Le travail de l'apiculteur en

Mars

En ce début du mois de mars, les températures continuent de varier de manière importante, on pourrait penser que le printemps est arrivé. Mais l’hiver n’est pas fini et quelques gelées peuvent encore arriver.
Il a beaucoup plu et des terrains sont encore inondés.

Dans la ruche
La grappe commence à se disloquer sous l’effet de la chaleur croissante. La reine va accroître sa ponte et les abeilles rentrent désormais avec du pollen sur les pattes. Les principales sources sont les noisetiers, les amandiers, les buis, les saules marsault, les ficaires, les hellébores, les prunelliers et le mimosa.
Le couvain devrait occuper plusieurs cadres si le développement se fait correctement.
Les premiers pollens sont arrivés, le saule Marsault donne un excellent pollen, si la ponte de la reine est repartie depuis longtemps la quantité de pollen requise pour la croissance démographique de la colonie est impressionnante.
Si une forte miellée apparaît lors de la floraison du saule Marsault, c’est l’indicateur d’une année à essaimage. (Le saule marsault est un arbre qui fleurit assez précocement : de février jusqu'au mois d'avril. Les fleurs mâles et femelles apparaissent en même temps, avant les feuilles).

Au rucher
Il convient de vérifier les réserves pour le moins, soupeser ses ruches pour tenter d’estimer les réserves : ruche facile à soulever égal danger immédiat, nourrissement sans retard avec du sirop, 50/50 : moitié eau, moitié sucre.
Là, le nourrissement liquide, a un double objectif : de sauvetage d’abord, si la ruche est à court de réserve, et de stimulation, car il s’agit aussi de relancer le développement de la colonie : la reine pond, il faut nourrir les larves et le but est bien d’amener la ruchée à une population la plus fournie possible, pour la miellée principale. Il faut du monde pour « faire du miel ».

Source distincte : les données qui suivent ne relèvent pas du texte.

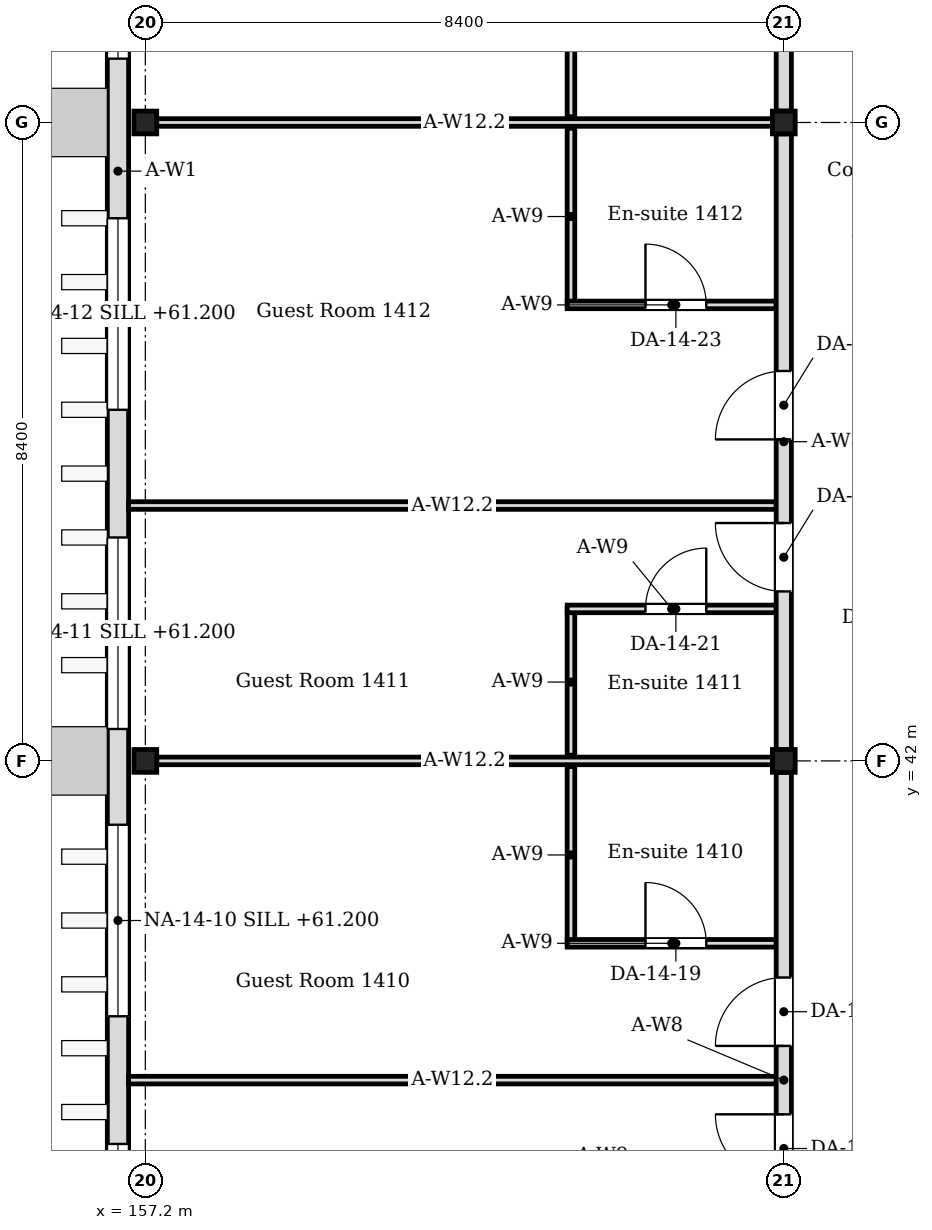
"""IFC4 building model, lengths in metres.
Left out: names, types, materials, properties, quantities, classifications, styles, units other than length and angle.
Written with IfcOpenShell. Run it as: python <this file> out.ifc"""

import sys

from ifc_helpers import new_model, si_unit, direction, frame, frame_2d, origin, origin_2d, place, context, subcontext, project, spatial, rectangle, i_section, extrude, element, fill, save


model = new_model("IFC4")
c1 = context("Model", 3, precision=1e-05, world=origin(), true_north=direction((0.0, 1.0)))
c2 = subcontext(c1, "Body", "Model", "MODEL_VIEW")
j1 = project(units=[si_unit("LENGTHUNIT", "METRE"), si_unit("PLANEANGLEUNIT", "RADIAN")], contexts=[c1])
p1 = place(None, origin())
s1 = spatial("IfcSite", under=j1, at=p1, CompositionType="ELEMENT")
p2 = place(p1, origin())
s2 = spatial("IfcBuilding", under=s1, at=p2, CompositionType="ELEMENT")
p3 = place(p2, frame((0.0, 0.0, 60.6)))
s3 = spatial("IfcBuildingStorey", under=s2, at=p3, CompositionType="ELEMENT", Elevation=60.6)
for number, where, z_axis, x_axis in (
    (1, (157.2, 42.0, 0.0), (0.0, 0.0, 1.0), (1.0, 0.0, 0.0)),
    (2, (157.2, 50.4, 0.0), (0.0, 0.0, 1.0), (1.0, 0.0, 0.0)),
    (3, (165.6, 42.0, 0.0), (0.0, 0.0, 1.0), (1.0, 0.0, 0.0)),
    (4, (165.6, 50.4, 0.0), (0.0, 0.0, 1.0), (1.0, 0.0, 0.0)),
):
    element("IfcColumn", number, at=place(p3, frame(where, z_axis=z_axis, x_axis=x_axis)), inside=s3, PredefinedType="COLUMN", context=c2, shape_type="SweptSolid", body=[
        extrude(i_section(OverallWidth=0.3, OverallDepth=0.3, WebThickness=0.01, FlangeThickness=0.015, FilletRadius=0.013, at=origin_2d()), origin(), (0.0, 0.0, 1.0), 4.2),
    ])
p4 = place(p3, frame((156.84, -0.22, 0.0), z_axis=(0.0, 0.0, 1.0), x_axis=(0.0, 1.0, 0.0)))
e5 = element("IfcWall", 5, at=p4, inside=s3, PredefinedType="SOLIDWALL", context=c2, shape_type="SweptSolid", body=[
    extrude(rectangle(XDim=67.64, YDim=0.28, at=frame_2d((33.82, 0.0))), origin(), (0.0, 0.0, 1.0), 4.05),
])
p5 = place(p4, frame((0.64, 0.0, 0.6)))
e6 = element("IfcOpeningElement", 6, at=p5, cuts=e5, PredefinedType="OPENING", context=c2, shape_type="SweptSolid", body=[
    extrude(rectangle(XDim=2.52, YDim=2.4, at=frame_2d((1.26, 1.2))), frame((0.0, 0.15, 0.0), z_axis=(0.0, -1.0, 0.0), x_axis=(1.0, 0.0, 0.0)), (0.0, 0.0, 1.0), 0.3),
])
p6 = place(p4, frame((4.84, 0.0, 0.6)))
e7 = element("IfcOpeningElement", 7, at=p6, cuts=e5, PredefinedType="OPENING", context=c2, shape_type="SweptSolid", body=[
    extrude(rectangle(XDim=2.52, YDim=2.4, at=frame_2d((1.26, 1.2))), frame((0.0, 0.15, 0.0), z_axis=(0.0, -1.0, 0.0), x_axis=(1.0, 0.0, 0.0)), (0.0, 0.0, 1.0), 0.3),
])
p7 = place(p4, frame((9.46, 0.0, 0.6)))
e8 = element("IfcOpeningElement", 8, at=p7, cuts=e5, PredefinedType="OPENING", context=c2, shape_type="SweptSolid", body=[
    extrude(rectangle(XDim=2.52, YDim=2.4, at=frame_2d((1.26, 1.2))), frame((0.0, 0.15, 0.0), z_axis=(0.0, -1.0, 0.0), x_axis=(1.0, 0.0, 0.0)), (0.0, 0.0, 1.0), 0.3),
])
p8 = place(p4, frame((13.66, 0.0, 0.6)))
e9 = element("IfcOpeningElement", 9, at=p8, cuts=e5, PredefinedType="OPENING", context=c2, shape_type="SweptSolid", body=[
    extrude(rectangle(XDim=2.52, YDim=2.4, at=frame_2d((1.26, 1.2))), frame((0.0, 0.15, 0.0), z_axis=(0.0, -1.0, 0.0), x_axis=(1.0, 0.0, 0.0)), (0.0, 0.0, 1.0), 0.3),
])
p9 = place(p4, frame((17.86, 0.0, 0.6)))
e10 = element("IfcOpeningElement", 10, at=p9, cuts=e5, PredefinedType="OPENING", context=c2, shape_type="SweptSolid", body=[
    extrude(rectangle(XDim=2.52, YDim=2.4, at=frame_2d((1.26, 1.2))), frame((0.0, 0.15, 0.0), z_axis=(0.0, -1.0, 0.0), x_axis=(1.0, 0.0, 0.0)), (0.0, 0.0, 1.0), 0.3),
])
p10 = place(p4, frame((22.06, 0.0, 0.6)))
e11 = element("IfcOpeningElement", 11, at=p10, cuts=e5, PredefinedType="OPENING", context=c2, shape_type="SweptSolid", body=[
    extrude(rectangle(XDim=2.52, YDim=2.4, at=frame_2d((1.26, 1.2))), frame((0.0, 0.15, 0.0), z_axis=(0.0, -1.0, 0.0), x_axis=(1.0, 0.0, 0.0)), (0.0, 0.0, 1.0), 0.3),
])
p11 = place(p4, frame((25.84, 0.0, 0.6)))
e12 = element("IfcOpeningElement", 12, at=p11, cuts=e5, PredefinedType="OPENING", context=c2, shape_type="SweptSolid", body=[
    extrude(rectangle(XDim=2.52, YDim=2.4, at=frame_2d((1.26, 1.2))), frame((0.0, 0.15, 0.0), z_axis=(0.0, -1.0, 0.0), x_axis=(1.0, 0.0, 0.0)), (0.0, 0.0, 1.0), 0.3),
])
p12 = place(p4, frame((30.04, 0.0, 0.6)))
e13 = element("IfcOpeningElement", 13, at=p12, cuts=e5, PredefinedType="OPENING", context=c2, shape_type="SweptSolid", body=[
    extrude(rectangle(XDim=2.52, YDim=2.4, at=frame_2d((1.26, 1.2))), frame((0.0, 0.15, 0.0), z_axis=(0.0, -1.0, 0.0), x_axis=(1.0, 0.0, 0.0)), (0.0, 0.0, 1.0), 0.3),
])
p13 = place(p4, frame((34.66, 0.0, 0.6)))
e14 = element("IfcOpeningElement", 14, at=p13, cuts=e5, PredefinedType="OPENING", context=c2, shape_type="SweptSolid", body=[
    extrude(rectangle(XDim=2.52, YDim=2.4, at=frame_2d((1.26, 1.2))), frame((0.0, 0.15, 0.0), z_axis=(0.0, -1.0, 0.0), x_axis=(1.0, 0.0, 0.0)), (0.0, 0.0, 1.0), 0.3),
])
p14 = place(p4, frame((38.86, 0.0, 0.6)))
e15 = element("IfcOpeningElement", 15, at=p14, cuts=e5, PredefinedType="OPENING", context=c2, shape_type="SweptSolid", body=[
    extrude(rectangle(XDim=2.52, YDim=2.4, at=frame_2d((1.26, 1.2))), frame((0.0, 0.15, 0.0), z_axis=(0.0, -1.0, 0.0), x_axis=(1.0, 0.0, 0.0)), (0.0, 0.0, 1.0), 0.3),
])
p15 = place(p4, frame((42.64, 0.0, 0.6)))
e16 = element("IfcOpeningElement", 16, at=p15, cuts=e5, PredefinedType="OPENING", context=c2, shape_type="SweptSolid", body=[
    extrude(rectangle(XDim=2.52, YDim=2.4, at=frame_2d((1.26, 1.2))), frame((0.0, 0.15, 0.0), z_axis=(0.0, -1.0, 0.0), x_axis=(1.0, 0.0, 0.0)), (0.0, 0.0, 1.0), 0.3),
])
p16 = place(p4, frame((46.84, 0.0, 0.6)))
e17 = element("IfcOpeningElement", 17, at=p16, cuts=e5, PredefinedType="OPENING", context=c2, shape_type="SweptSolid", body=[
    extrude(rectangle(XDim=2.52, YDim=2.4, at=frame_2d((1.26, 1.2))), frame((0.0, 0.15, 0.0), z_axis=(0.0, -1.0, 0.0), x_axis=(1.0, 0.0, 0.0)), (0.0, 0.0, 1.0), 0.3),
])
p17 = place(p4, frame((51.46, 0.0, 0.6)))
e18 = element("IfcOpeningElement", 18, at=p17, cuts=e5, PredefinedType="OPENING", context=c2, shape_type="SweptSolid", body=[
    extrude(rectangle(XDim=2.52, YDim=2.4, at=frame_2d((1.26, 1.2))), frame((0.0, 0.15, 0.0), z_axis=(0.0, -1.0, 0.0), x_axis=(1.0, 0.0, 0.0)), (0.0, 0.0, 1.0), 0.3),
])
p18 = place(p4, frame((55.66, 0.0, 0.6)))
e19 = element("IfcOpeningElement", 19, at=p18, cuts=e5, PredefinedType="OPENING", context=c2, shape_type="SweptSolid", body=[
    extrude(rectangle(XDim=2.52, YDim=2.4, at=frame_2d((1.26, 1.2))), frame((0.0, 0.15, 0.0), z_axis=(0.0, -1.0, 0.0), x_axis=(1.0, 0.0, 0.0)), (0.0, 0.0, 1.0), 0.3),
])
p19 = place(p4, frame((59.86, 0.0, 0.6)))
e20 = element("IfcOpeningElement", 20, at=p19, cuts=e5, PredefinedType="OPENING", context=c2, shape_type="SweptSolid", body=[
    extrude(rectangle(XDim=2.52, YDim=2.4, at=frame_2d((1.26, 1.2))), frame((0.0, 0.15, 0.0), z_axis=(0.0, -1.0, 0.0), x_axis=(1.0, 0.0, 0.0)), (0.0, 0.0, 1.0), 0.3),
])
p20 = place(p4, frame((64.06, 0.0, 0.6)))
e21 = element("IfcOpeningElement", 21, at=p20, cuts=e5, PredefinedType="OPENING", context=c2, shape_type="SweptSolid", body=[
    extrude(rectangle(XDim=2.52, YDim=2.4, at=frame_2d((1.26, 1.2))), frame((0.0, 0.15, 0.0), z_axis=(0.0, -1.0, 0.0), x_axis=(1.0, 0.0, 0.0)), (0.0, 0.0, 1.0), 0.3),
])
p21 = place(p3, frame((162.8, 39.6, 0.0), z_axis=(0.0, 0.0, 1.0), x_axis=(0.0, 1.0, 0.0)))
e22 = element("IfcWall", 22, at=p21, inside=s3, PredefinedType="PARTITIONING", context=c2, shape_type="SweptSolid", body=[
    extrude(rectangle(XDim=2.325, YDim=0.1, at=frame_2d((1.163, 0.0))), origin(), (0.0, 0.0, 1.0), 4.05),
])
p22 = place(p3, frame((162.75, 39.6, 0.0), z_axis=(0.0, 0.0, 1.0), x_axis=(1.0, 0.0, 0.0)))
e23 = element("IfcWall", 23, at=p22, inside=s3, PredefinedType="PARTITIONING", context=c2, shape_type="SweptSolid", body=[
    extrude(rectangle(XDim=2.75, YDim=0.1, at=frame_2d((1.375, 0.0))), origin(), (0.0, 0.0, 1.0), 4.05),
])
p23 = place(p22, frame((1.03, 0.0, 0.0)))
e24 = element("IfcOpeningElement", 24, at=p23, cuts=e23, PredefinedType="OPENING", context=c2, shape_type="SweptSolid", body=[
    extrude(rectangle(XDim=0.8, YDim=2.1, at=frame_2d((0.4, 1.05))), frame((0.0, 0.06, 0.0), z_axis=(0.0, -1.0, 0.0), x_axis=(1.0, 0.0, 0.0)), (0.0, 0.0, 1.0), 0.12),
])
p24 = place(p3, frame((162.8, 42.075, 0.0), z_axis=(0.0, 0.0, 1.0), x_axis=(0.0, 1.0, 0.0)))
e25 = element("IfcWall", 25, at=p24, inside=s3, PredefinedType="PARTITIONING", context=c2, shape_type="SweptSolid", body=[
    extrude(rectangle(XDim=1.925, YDim=0.1, at=frame_2d((0.962, 0.0))), origin(), (0.0, 0.0, 1.0), 4.05),
])
p25 = place(p3, frame((162.75, 44.0, 0.0), z_axis=(0.0, 0.0, 1.0), x_axis=(1.0, 0.0, 0.0)))
e26 = element("IfcWall", 26, at=p25, inside=s3, PredefinedType="PARTITIONING", context=c2, shape_type="SweptSolid", body=[
    extrude(rectangle(XDim=2.75, YDim=0.1, at=frame_2d((1.375, 0.0))), origin(), (0.0, 0.0, 1.0), 4.05),
])
p26 = place(p25, frame((1.03, 0.0, 0.0)))
e27 = element("IfcOpeningElement", 27, at=p26, cuts=e26, PredefinedType="OPENING", context=c2, shape_type="SweptSolid", body=[
    extrude(rectangle(XDim=0.8, YDim=2.1, at=frame_2d((0.4, 1.05))), frame((0.0, 0.06, 0.0), z_axis=(0.0, -1.0, 0.0), x_axis=(1.0, 0.0, 0.0)), (0.0, 0.0, 1.0), 0.12),
])
p27 = place(p3, frame((162.8, 48.0, 0.0), z_axis=(0.0, 0.0, 1.0), x_axis=(0.0, 1.0, 0.0)))
e28 = element("IfcWall", 28, at=p27, inside=s3, PredefinedType="PARTITIONING", context=c2, shape_type="SweptSolid", body=[
    extrude(rectangle(XDim=2.325, YDim=0.1, at=frame_2d((1.163, 0.0))), origin(), (0.0, 0.0, 1.0), 4.05),
])
p28 = place(p3, frame((162.75, 48.0, 0.0), z_axis=(0.0, 0.0, 1.0), x_axis=(1.0, 0.0, 0.0)))
e29 = element("IfcWall", 29, at=p28, inside=s3, PredefinedType="PARTITIONING", context=c2, shape_type="SweptSolid", body=[
    extrude(rectangle(XDim=2.75, YDim=0.1, at=frame_2d((1.375, 0.0))), origin(), (0.0, 0.0, 1.0), 4.05),
])
p29 = place(p28, frame((1.03, 0.0, 0.0)))
e30 = element("IfcOpeningElement", 30, at=p29, cuts=e29, PredefinedType="OPENING", context=c2, shape_type="SweptSolid", body=[
    extrude(rectangle(XDim=0.8, YDim=2.1, at=frame_2d((0.4, 1.05))), frame((0.0, 0.06, 0.0), z_axis=(0.0, -1.0, 0.0), x_axis=(1.0, 0.0, 0.0)), (0.0, 0.0, 1.0), 0.12),
])
p30 = place(p3, frame((162.8, 50.475, 0.0), z_axis=(0.0, 0.0, 1.0), x_axis=(0.0, 1.0, 0.0)))
e31 = element("IfcWall", 31, at=p30, inside=s3, PredefinedType="PARTITIONING", context=c2, shape_type="SweptSolid", body=[
    extrude(rectangle(XDim=2.325, YDim=0.1, at=frame_2d((1.163, 0.0))), origin(), (0.0, 0.0, 1.0), 4.05),
])
for number, where, z_axis, x_axis in (
    (32, (157.35, 42.0, 0.0), (0.0, 0.0, 1.0), (1.0, 0.0, 0.0)),
    (33, (157.35, 50.4, 0.0), (0.0, 0.0, 1.0), (1.0, 0.0, 0.0)),
):
    element("IfcWall", number, at=place(p3, frame(where, z_axis=z_axis, x_axis=x_axis)), inside=s3, PredefinedType="PARTITIONING", context=c2, shape_type="SweptSolid", body=[
        extrude(rectangle(XDim=8.1, YDim=0.1, at=frame_2d((4.05, 0.0))), origin(), (0.0, 0.0, 1.0), 3.55),
    ])
for number, where, z_axis, x_axis in (
    (34, (156.98, 37.8, 0.0), (0.0, 0.0, 1.0), (1.0, 0.0, 0.0)),
    (35, (156.98, 45.36, 0.0), (0.0, 0.0, 1.0), (1.0, 0.0, 0.0)),
):
    element("IfcWall", number, at=place(p3, frame(where, z_axis=z_axis, x_axis=x_axis)), inside=s3, PredefinedType="PARTITIONING", context=c2, shape_type="SweptSolid", body=[
        extrude(rectangle(XDim=8.52, YDim=0.1, at=frame_2d((4.26, 0.0))), origin(), (0.0, 0.0, 1.0), 3.55),
    ])
p31 = place(p3, frame((165.6, 33.75, 0.0), z_axis=(0.0, 0.0, 1.0), x_axis=(0.0, 1.0, 0.0)))
e36 = element("IfcWall", 36, at=p31, inside=s3, PredefinedType="PARTITIONING", context=c2, shape_type="SweptSolid", body=[
    extrude(rectangle(XDim=8.1, YDim=0.2, at=frame_2d((4.05, 0.0))), origin(), (0.0, 0.0, 1.0), 3.45),
])
p32 = place(p31, frame((2.7, 0.0, 0.0)))
e37 = element("IfcOpeningElement", 37, at=p32, cuts=e36, PredefinedType="OPENING", context=c2, shape_type="SweptSolid", body=[
    extrude(rectangle(XDim=0.9, YDim=2.1, at=frame_2d((0.45, 1.05))), frame((0.0, 0.11, 0.0), z_axis=(0.0, -1.0, 0.0), x_axis=(1.0, 0.0, 0.0)), (0.0, 0.0, 1.0), 0.22),
])
p33 = place(p31, frame((4.5, 0.0, 0.0)))
e38 = element("IfcOpeningElement", 38, at=p33, cuts=e36, PredefinedType="OPENING", context=c2, shape_type="SweptSolid", body=[
    extrude(rectangle(XDim=0.9, YDim=2.1, at=frame_2d((0.45, 1.05))), frame((0.0, 0.11, 0.0), z_axis=(0.0, -1.0, 0.0), x_axis=(1.0, 0.0, 0.0)), (0.0, 0.0, 1.0), 0.22),
])
p34 = place(p3, frame((165.6, 42.15, 0.0), z_axis=(0.0, 0.0, 1.0), x_axis=(0.0, 1.0, 0.0)))
e39 = element("IfcWall", 39, at=p34, inside=s3, PredefinedType="PARTITIONING", context=c2, shape_type="SweptSolid", body=[
    extrude(rectangle(XDim=8.1, YDim=0.2, at=frame_2d((4.05, 0.0))), origin(), (0.0, 0.0, 1.0), 3.45),
])
p35 = place(p34, frame((2.08, 0.0, 0.0)))
e40 = element("IfcOpeningElement", 40, at=p35, cuts=e39, PredefinedType="OPENING", context=c2, shape_type="SweptSolid", body=[
    extrude(rectangle(XDim=0.9, YDim=2.1, at=frame_2d((0.45, 1.05))), frame((0.0, 0.11, 0.0), z_axis=(0.0, -1.0, 0.0), x_axis=(1.0, 0.0, 0.0)), (0.0, 0.0, 1.0), 0.22),
])
p36 = place(p34, frame((4.08, 0.0, 0.0)))
e41 = element("IfcOpeningElement", 41, at=p36, cuts=e39, PredefinedType="OPENING", context=c2, shape_type="SweptSolid", body=[
    extrude(rectangle(XDim=0.9, YDim=2.1, at=frame_2d((0.45, 1.05))), frame((0.0, 0.11, 0.0), z_axis=(0.0, -1.0, 0.0), x_axis=(1.0, 0.0, 0.0)), (0.0, 0.0, 1.0), 0.22),
])
p37 = place(p3, frame((165.6, 50.55, 0.0), z_axis=(0.0, 0.0, 1.0), x_axis=(0.0, 1.0, 0.0)))
e42 = element("IfcWall", 42, at=p37, inside=s3, PredefinedType="PARTITIONING", context=c2, shape_type="SweptSolid", body=[
    extrude(rectangle(XDim=8.1, YDim=0.2, at=frame_2d((4.05, 0.0))), origin(), (0.0, 0.0, 1.0), 3.45),
])
p38 = place(p37, frame((2.7, 0.0, 0.0)))
e43 = element("IfcOpeningElement", 43, at=p38, cuts=e42, PredefinedType="OPENING", context=c2, shape_type="SweptSolid", body=[
    extrude(rectangle(XDim=0.9, YDim=2.1, at=frame_2d((0.45, 1.05))), frame((0.0, 0.11, 0.0), z_axis=(0.0, -1.0, 0.0), x_axis=(1.0, 0.0, 0.0)), (0.0, 0.0, 1.0), 0.22),
])
p39 = place(p37, frame((4.5, 0.0, 0.0)))
e44 = element("IfcOpeningElement", 44, at=p39, cuts=e42, PredefinedType="OPENING", context=c2, shape_type="SweptSolid", body=[
    extrude(rectangle(XDim=0.9, YDim=2.1, at=frame_2d((0.45, 1.05))), frame((0.0, 0.11, 0.0), z_axis=(0.0, -1.0, 0.0), x_axis=(1.0, 0.0, 0.0)), (0.0, 0.0, 1.0), 0.22),
])
p40 = place(p13, origin())
e45 = element("IfcWindow", 45, at=p40, inside=s3, PartitioningType="SINGLE_PANEL", PredefinedType="WINDOW", context=c2, shape_type="SweptSolid", body=[
    extrude(rectangle(XDim=2.52, YDim=2.4, at=frame_2d((1.26, 1.2))), frame((0.0, 0.03, 0.0), z_axis=(0.0, -1.0, 0.0), x_axis=(1.0, 0.0, 0.0)), (0.0, 0.0, 1.0), 0.06),
])
fill(e14, e45)
p41 = place(p14, origin())
e46 = element("IfcWindow", 46, at=p41, inside=s3, PartitioningType="SINGLE_PANEL", PredefinedType="WINDOW", context=c2, shape_type="SweptSolid", body=[
    extrude(rectangle(XDim=2.52, YDim=2.4, at=frame_2d((1.26, 1.2))), frame((0.0, 0.03, 0.0), z_axis=(0.0, -1.0, 0.0), x_axis=(1.0, 0.0, 0.0)), (0.0, 0.0, 1.0), 0.06),
])
fill(e15, e46)
p42 = place(p15, origin())
e47 = element("IfcWindow", 47, at=p42, inside=s3, PartitioningType="SINGLE_PANEL", PredefinedType="WINDOW", context=c2, shape_type="SweptSolid", body=[
    extrude(rectangle(XDim=2.52, YDim=2.4, at=frame_2d((1.26, 1.2))), frame((0.0, 0.03, 0.0), z_axis=(0.0, -1.0, 0.0), x_axis=(1.0, 0.0, 0.0)), (0.0, 0.0, 1.0), 0.06),
])
fill(e16, e47)
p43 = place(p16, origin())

Vous profiterez d’une belle journée ensoleillée pour effectuer la visite de printemps et évaluer l’état de votre cheptel, mais restons prudents, car des températures bien basses peuvent encore se produire
Pour toute visite ou ouverture de ruche, il faudra attendre que la saison se stabilise, que la température minimum de 12 à 15 degrés se soit installée depuis plusieurs jours : le couvain, lui, craint le froid.

Par contre si de beaux jours se succèdent, le changement des plateaux de sol est à faire. À deux, c’est le plus commode, après un bon enfumage sur l’entrée (5 coups de soufflet au trou de vol d’une fumée abondante). On décolle le plateau de sol au lève-cadres, on soulève le corps et l’aide glisse le plateau de sol nouveau. On cale l’ensemble de façon à ce que les nourrisseurs puissent être de niveau.
On notera l’état de propreté ou de saleté du plateau, c’est un indicateur de l’état de la colonie, de sa capacité de nettoyage et de son volume, cela permet de voir également si un prédateur s’y est introduit.
Une surabondance de pailles, restes d’abeilles mortes, noyaux, font craindre la visite de lézards, musaraignes qui auront consommé des abeilles, les réserves de miel. Les rayons seront très abîmés et si la colonie est encore en vie, sans doute très amoindrie, il faudra équiper la ruche en rayons neufs, sans doute prévoir de réunir la colonie, mais sûrement de la nourrir comme un essaim.
Le plateau de sol enlevé, les observations notées sur le carnet, on procède au nettoyage du plateau.